Post Date : October 30, 2020
The most common way to predict the future is to use previous patterns that underline demand planning processes and activities. However, with the outbreak of the Coronavirus pandemic, it was clear as a day that demand planners must understand variability. One needs to be proficient in identifying factors that impact supply and then manage them to mitigate risk.
While risks and variability in the supply chain are viewed as a forecast problem, it is necessary to understand that the forecast isn’t the only part of the supply chain that features variability, and demand assumptions aren’t the only assumptions driving our supply chains and S&OP.
Importance of understanding Supply Chain Variables
Assumptions exist outside demand. They impact our ability to serve our customers and need to be identified and managed, just as we do with demand assumptions. Attribute data (data relating to those things that cause variability in supply) related to an item’s characteristics, distribution network, manufacturing process, purchasing terms, and even general planning settings- all contain variables that impact the supply chain.
The pandemic has given everyone an opportunity to introduce previously unrecognised uncertainty into supply process.
Typically, the unrecognised factors aren’t considered to impact supply. Often these attributes are poorly managed and invalidated unless persistent and serious issues make them impossible to ignore. When we input this data into the master data of planning systems, we have an opportunity to introduce previously unrecognised uncertainty into the supply process. When we do this, we get visibility into supply constraints and are in a position to manage them. However, a failure to understand these supply assumptions results in either a growth of excess and obsolete inventory or in a shortage of goods inventory.
This data (or attributes) should be regularly reviewed for accuracy, tracked for performance, and actively managed and maintained. For example, we must understand the impact on supply performance when lead times, run rates or process times change, or minimum order quantities and lot sizes are greater than our total annual forecast, or when any other supply constraint appears. Failure to understand these supply assumptions results in either a growth of excess and obsolete inventory or in a shortage of good inventory creating customer dissatisfaction and service failures.
Variability in Demand is Variability In Supply
When things don’t work out as planned from a supply chain perspective, we often assume it’s due to a random, non-repeating event that could not be prevented when in fact there were indicators in the data that could have alerted us to it ahead of time. Key attributes impacting our supply chains should be identified to reduce unplanned variability and poor performance. They should be measured for accuracy and adherence to bring about best supply results. Unfortunately, when this is not done it shows up as variability in demand!

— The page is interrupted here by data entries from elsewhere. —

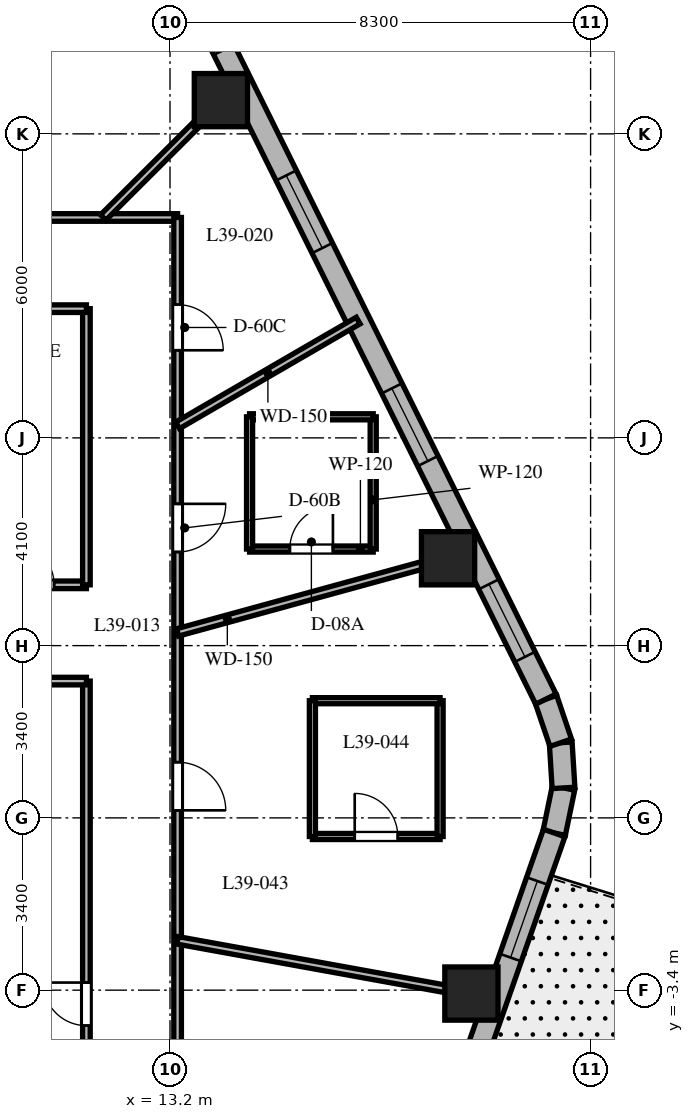
"""IFC4 building model, lengths in metres.
Left out: names, types, materials, properties, quantities, classifications, styles, units other than length and angle.
Written with IfcOpenShell. Run it as: python <this file> out.ifc"""

import sys

from ifc_helpers import new_model, si_unit, direction, frame, frame_2d, origin, origin_2d, place, context, subcontext, project, spatial, rectangle, extrude, element, fill, save


model = new_model("IFC4")
c1 = context("Model", 3, precision=1e-05, world=origin(), true_north=direction((0.0, 1.0)))
c2 = subcontext(c1, "Body", "Model", "MODEL_VIEW")
j1 = project(units=[si_unit("LENGTHUNIT", "METRE"), si_unit("PLANEANGLEUNIT", "RADIAN")], contexts=[c1])
p1 = place(None, origin())
s1 = spatial("IfcSite", under=j1, at=p1, CompositionType="ELEMENT")
p2 = place(p1, origin())
s2 = spatial("IfcBuilding", under=s1, at=p2, CompositionType="ELEMENT")
p3 = place(p2, frame((0.0, 0.0, 159.1)))
s3 = spatial("IfcBuildingStorey", under=s2, at=p3, CompositionType="ELEMENT", Elevation=159.1)
for number, where, z_axis, x_axis in (
    (1, (19.148, -3.467, 0.0), (0.0, 0.0, 1.0), (1.0, 0.0, 0.0)),
    (2, (18.687, 5.124, 0.0), (0.0, 0.0, 1.0), (1.0, 0.0, 0.0)),
    (3, (14.204, 14.166, 0.0), (0.0, 0.0, 1.0), (1.0, 0.0, 0.0)),
):
    element("IfcColumn", number, at=place(p3, frame(where, z_axis=z_axis, x_axis=x_axis)), inside=s3, PredefinedType="COLUMN", context=c2, shape_type="SweptSolid", body=[
        extrude(rectangle(XDim=1.05, YDim=1.05, at=origin_2d()), origin(), (0.0, 0.0, 1.0), 3.7),
    ])
p4 = place(p3, frame((20.782, -0.298, 0.0), z_axis=(0.0, 0.0, 1.0), x_axis=(0.202570068411, 0.979267771033, 0.0)))
e4 = element("IfcWall", 4, at=p4, inside=s3, PredefinedType="SOLIDWALL", context=c2, shape_type="SweptSolid", body=[
    extrude(rectangle(XDim=0.909, YDim=0.45, at=frame_2d((0.454, 0.0))), origin(), (0.0, 0.0, 1.0), 3.4),
])
p5 = place(p3, frame((20.966, 0.592, 0.0), z_axis=(0.0, 0.0, 1.0), x_axis=(-0.061748898935, 0.998091715966, 0.0)))
e5 = element("IfcWall", 5, at=p5, inside=s3, PredefinedType="SOLIDWALL", context=c2, shape_type="SweptSolid", body=[
    extrude(rectangle(XDim=0.894, YDim=0.45, at=frame_2d((0.447, 0.0))), origin(), (0.0, 0.0, 1.0), 3.4),
])
p6 = place(p3, frame((20.911, 1.484, 0.0), z_axis=(0.0, 0.0, 1.0), x_axis=(-0.321623334353, 0.946867694453, 0.0)))
e6 = element("IfcWall", 6, at=p6, inside=s3, PredefinedType="SOLIDWALL", context=c2, shape_type="SweptSolid", body=[
    extrude(rectangle(XDim=0.909, YDim=0.45, at=frame_2d((0.454, 0.0))), origin(), (0.0, 0.0, 1.0), 3.4),
])
p7 = place(p3, frame((14.937, -16.993, 0.0), z_axis=(0.0, 0.0, 1.0), x_axis=(0.330431575061, 0.943829949834, 0.0)))
e7 = element("IfcWall", 7, at=p7, inside=s3, PredefinedType="SOLIDWALL", context=c2, shape_type="SweptSolid", body=[
    extrude(rectangle(XDim=17.689, YDim=0.45, at=frame_2d((8.844, 0.0))), origin(), (0.0, 0.0, 1.0), 3.4),
])
p8 = place(p7, frame((4.807, 0.0, 0.0)))
e8 = element("IfcOpeningElement", 8, at=p8, cuts=e7, PredefinedType="OPENING", context=c2, shape_type="SweptSolid", body=[
    extrude(rectangle(XDim=0.95, YDim=2.15, at=frame_2d((0.475, 1.075))), frame((0.0, 0.235, 0.0), z_axis=(0.0, -1.0, 0.0), x_axis=(1.0, 0.0, 0.0)), (0.0, 0.0, 1.0), 0.47),
])
p9 = place(p7, frame((0.95, 0.0, 0.8)))
e9 = element("IfcOpeningElement", 9, at=p9, cuts=e7, PredefinedType="OPENING", context=c2, shape_type="SweptSolid", body=[
    extrude(rectangle(XDim=1.6, YDim=1.75, at=frame_2d((0.8, 0.875))), frame((0.0, 0.235, 0.0), z_axis=(0.0, -1.0, 0.0), x_axis=(1.0, 0.0, 0.0)), (0.0, 0.0, 1.0), 0.47),
])
p10 = place(p7, frame((7.99, 0.0, 0.8)))
e10 = element("IfcOpeningElement", 10, at=p10, cuts=e7, PredefinedType="OPENING", context=c2, shape_type="SweptSolid", body=[
    extrude(rectangle(XDim=1.6, YDim=1.75, at=frame_2d((0.8, 0.875))), frame((0.0, 0.235, 0.0), z_axis=(0.0, -1.0, 0.0), x_axis=(1.0, 0.0, 0.0)), (0.0, 0.0, 1.0), 0.47),
])
p11 = place(p7, frame((15.084, 0.0, 0.8)))
e11 = element("IfcOpeningElement", 11, at=p11, cuts=e7, PredefinedType="OPENING", context=c2, shape_type="SweptSolid", body=[
    extrude(rectangle(XDim=1.6, YDim=1.75, at=frame_2d((0.8, 0.875))), frame((0.0, 0.235, 0.0), z_axis=(0.0, -1.0, 0.0), x_axis=(1.0, 0.0, 0.0)), (0.0, 0.0, 1.0), 0.47),
])
p12 = place(p3, frame((20.618, 2.344, 0.0), z_axis=(0.0, 0.0, 1.0), x_axis=(-0.444243691097, 0.895905990002, 0.0)))
e12 = element("IfcWall", 12, at=p12, inside=s3, PredefinedType="SOLIDWALL", context=c2, shape_type="SweptSolid", body=[
    extrude(rectangle(XDim=16.784, YDim=0.45, at=frame_2d((8.392, 0.0))), origin(), (0.0, 0.0, 1.0), 3.4),
])
p13 = place(p12, frame((5.245, 0.0, 0.8)))
e13 = element("IfcOpeningElement", 13, at=p13, cuts=e12, PredefinedType="OPENING", context=c2, shape_type="SweptSolid", body=[
    extrude(rectangle(XDim=1.6, YDim=1.75, at=frame_2d((0.8, 0.875))), frame((0.0, 0.235, 0.0), z_axis=(0.0, -1.0, 0.0), x_axis=(1.0, 0.0, 0.0)), (0.0, 0.0, 1.0), 0.47),
])
p14 = place(p12, frame((9.936, 0.0, 0.8)))
e14 = element("IfcOpeningElement", 14, at=p14, cuts=e12, PredefinedType="OPENING", context=c2, shape_type="SweptSolid", body=[
    extrude(rectangle(XDim=1.6, YDim=1.75, at=frame_2d((0.8, 0.875))), frame((0.0, 0.235, 0.0), z_axis=(0.0, -1.0, 0.0), x_axis=(1.0, 0.0, 0.0)), (0.0, 0.0, 1.0), 0.47),
])
p15 = place(p12, frame((14.303, 0.0, 0.8)))
e15 = element("IfcOpeningElement", 15, at=p15, cuts=e12, PredefinedType="OPENING", context=c2, shape_type="SweptSolid", body=[
    extrude(rectangle(XDim=1.6, YDim=1.75, at=frame_2d((0.8, 0.875))), frame((0.0, 0.235, 0.0), z_axis=(0.0, -1.0, 0.0), x_axis=(1.0, 0.0, 0.0)), (0.0, 0.0, 1.0), 0.47),
])
p16 = place(p12, frame((0.931, 0.0, 0.8)))
e16 = element("IfcOpeningElement", 16, at=p16, cuts=e12, PredefinedType="OPENING", context=c2, shape_type="SweptSolid", body=[
    extrude(rectangle(XDim=1.6, YDim=1.75, at=frame_2d((0.8, 0.875))), frame((0.0, 0.235, 0.0), z_axis=(0.0, -1.0, 0.0), x_axis=(1.0, 0.0, 0.0)), (0.0, 0.0, 1.0), 0.47),
])
p17 = place(p3, frame((-13.35, 11.85, 0.0), z_axis=(0.0, 0.0, 1.0), x_axis=(1.0, 0.0, 0.0)))
e17 = element("IfcWall", 17, at=p17, inside=s3, PredefinedType="PARTITIONING", context=c2, shape_type="SweptSolid", body=[
    extrude(rectangle(XDim=26.7, YDim=0.15, at=frame_2d((13.35, 0.0))), origin(), (0.0, 0.0, 1.0), 2.84),
])
p18 = place(p17, frame((20.682, 0.0, 0.0)))
e18 = element("IfcOpeningElement", 18, at=p18, cuts=e17, PredefinedType="OPENING", context=c2, shape_type="SweptSolid", body=[
    extrude(rectangle(XDim=0.95, YDim=2.03, at=frame_2d((0.475, 1.015))), frame((0.0, 0.085, 0.0), z_axis=(0.0, -1.0, 0.0), x_axis=(1.0, 0.0, 0.0)), (0.0, 0.0, 1.0), 0.17),
])
p19 = place(p17, frame((14.708, 0.0, 0.0)))
e19 = element("IfcOpeningElement", 19, at=p19, cuts=e17, PredefinedType="OPENING", context=c2, shape_type="SweptSolid", body=[
    extrude(rectangle(XDim=0.95, YDim=2.03, at=frame_2d((0.475, 1.015))), frame((0.0, 0.085, 0.0), z_axis=(0.0, -1.0, 0.0), x_axis=(1.0, 0.0, 0.0)), (0.0, 0.0, 1.0), 0.17),
])
p20 = place(p17, frame((10.553, 0.0, 0.0)))
e20 = element("IfcOpeningElement", 20, at=p20, cuts=e17, PredefinedType="OPENING", context=c2, shape_type="SweptSolid", body=[
    extrude(rectangle(XDim=0.95, YDim=2.03, at=frame_2d((0.475, 1.015))), frame((0.0, 0.085, 0.0), z_axis=(0.0, -1.0, 0.0), x_axis=(1.0, 0.0, 0.0)), (0.0, 0.0, 1.0), 0.17),
])
p21 = place(p17, frame((3.995, 0.0, 0.0)))
e21 = element("IfcOpeningElement", 21, at=p21, cuts=e17, PredefinedType="OPENING", context=c2, shape_type="SweptSolid", body=[
    extrude(rectangle(XDim=0.95, YDim=2.03, at=frame_2d((0.475, 1.015))), frame((0.0, 0.085, 0.0), z_axis=(0.0, -1.0, 0.0), x_axis=(1.0, 0.0, 0.0)), (0.0, 0.0, 1.0), 0.17),
])
p22 = place(p3, frame((13.35, 11.85, 0.0), z_axis=(0.0, 0.0, 1.0), x_axis=(0.0, -1.0, 0.0)))
e22 = element("IfcWall", 22, at=p22, inside=s3, PredefinedType="PARTITIONING", context=c2, shape_type="SweptSolid", body=[
    extrude(rectangle(XDim=23.7, YDim=0.15, at=frame_2d((11.85, 0.0))), origin(), (0.0, 0.0, 1.0), 2.84),
])
p23 = place(p22, frame((5.652, 0.0, 0.0)))
e23 = element("IfcOpeningElement", 23, at=p23, cuts=e22, PredefinedType="OPENING", context=c2, shape_type="SweptSolid", body=[
    extrude(rectangle(XDim=0.95, YDim=2.03, at=frame_2d((0.475, 1.015))), frame((0.0, 0.085, 0.0), z_axis=(0.0, -1.0, 0.0), x_axis=(1.0, 0.0, 0.0)), (0.0, 0.0, 1.0), 0.17),
])
p24 = place(p22, frame((1.721, 0.0, 0.0)))
e24 = element("IfcOpeningElement", 24, at=p24, cuts=e22, PredefinedType="OPENING", context=c2, shape_type="SweptSolid", body=[
    extrude(rectangle(XDim=0.9, YDim=2.03, at=frame_2d((0.45, 1.015))), frame((0.0, 0.085, 0.0), z_axis=(0.0, -1.0, 0.0), x_axis=(1.0, 0.0, 0.0)), (0.0, 0.0, 1.0), 0.17),
])
p25 = place(p22, frame((18.389, 0.0, 0.0)))
e25 = element("IfcOpeningElement", 25, at=p25, cuts=e22, PredefinedType="OPENING", context=c2, shape_type="SweptSolid", body=[
    extrude(rectangle(XDim=0.95, YDim=2.03, at=frame_2d((0.475, 1.015))), frame((0.0, 0.085, 0.0), z_axis=(0.0, -1.0, 0.0), x_axis=(1.0, 0.0, 0.0)), (0.0, 0.0, 1.0), 0.17),
])
p26 = place(p22, frame((10.751, 0.0, 0.0)))
e26 = element("IfcOpeningElement", 26, at=p26, cuts=e22, PredefinedType="OPENING", context=c2, shape_type="SweptSolid", body=[
    extrude(rectangle(XDim=0.95, YDim=2.03, at=frame_2d((0.475, 1.015))), frame((0.0, 0.085, 0.0), z_axis=(0.0, -1.0, 0.0), x_axis=(1.0, 0.0, 0.0)), (0.0, 0.0, 1.0), 0.17),
])
p27 = place(p3, frame((11.55, -10.05, 0.0), z_axis=(0.0, 0.0, 1.0), x_axis=(0.0, 1.0, 0.0)))
e27 = element("IfcWall", 27, at=p27, inside=s3, PredefinedType="PARTITIONING", context=c2, shape_type="SweptSolid", body=[
    extrude(rectangle(XDim=12.75, YDim=0.15, at=frame_2d((6.375, 0.0))), origin(), (0.0, 0.0, 1.0), 2.84),
])
p28 = place(p27, frame((5.95, 0.0, 0.0)))
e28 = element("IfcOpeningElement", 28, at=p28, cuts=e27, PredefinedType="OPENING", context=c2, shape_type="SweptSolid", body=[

We know there are many circumstances that can change the results of attribute values both internally (labour availability, repairs, inaccurate inventory) and externally (weather, transportation limits, vendor capacity). Measuring supply performance and communicating this performance and its drivers back to demand can help demand planners better manage forecast variability. Loading supply settings without validating if they are correct restricts the value demand planners add and that of the demand plans they generate.
Managing Supply Assumptions for better Scenario Planning
Properly managed supply assumptions create better scenario planning. Scenario planning is a useful part of the S&OP process that aims to maximize margins and profitability. Many of us already create scenarios based upon various demand expectations, but we should also create scenarios based upon potential supply changes. Understanding how adding an extra shift impacts inventory is just as important in reaching our goals as understanding what happens if customer X sells 40% more than planned.
Taking the time to understand the assumptions outside of demand allows us to create scenarios and understand potential financial risk to the business. Understanding variability in supply and how we are performing against expectations will certainly improve the quality of the scenarios we run in S&OP.
It is necessary for demand planners to teach Supply Planners how to recognise and manage assumptions. Also, both Demand Planners and Supply Planners should be held responsible for understanding and managing variability.
While the metrics may be different between demand and supply, they have the power to work together to reduce it.
One must study and understand the why there are differences between planned and actual results. One needs to accept that we might see changes in the future that don’t adhere to standards. And, the year 2020 has very well brought in the changes that are miles apart from the usual standards. Thus, this makes for the year to start redefining, reviewing and measuring variability and incorporating them into your process as core assumptions.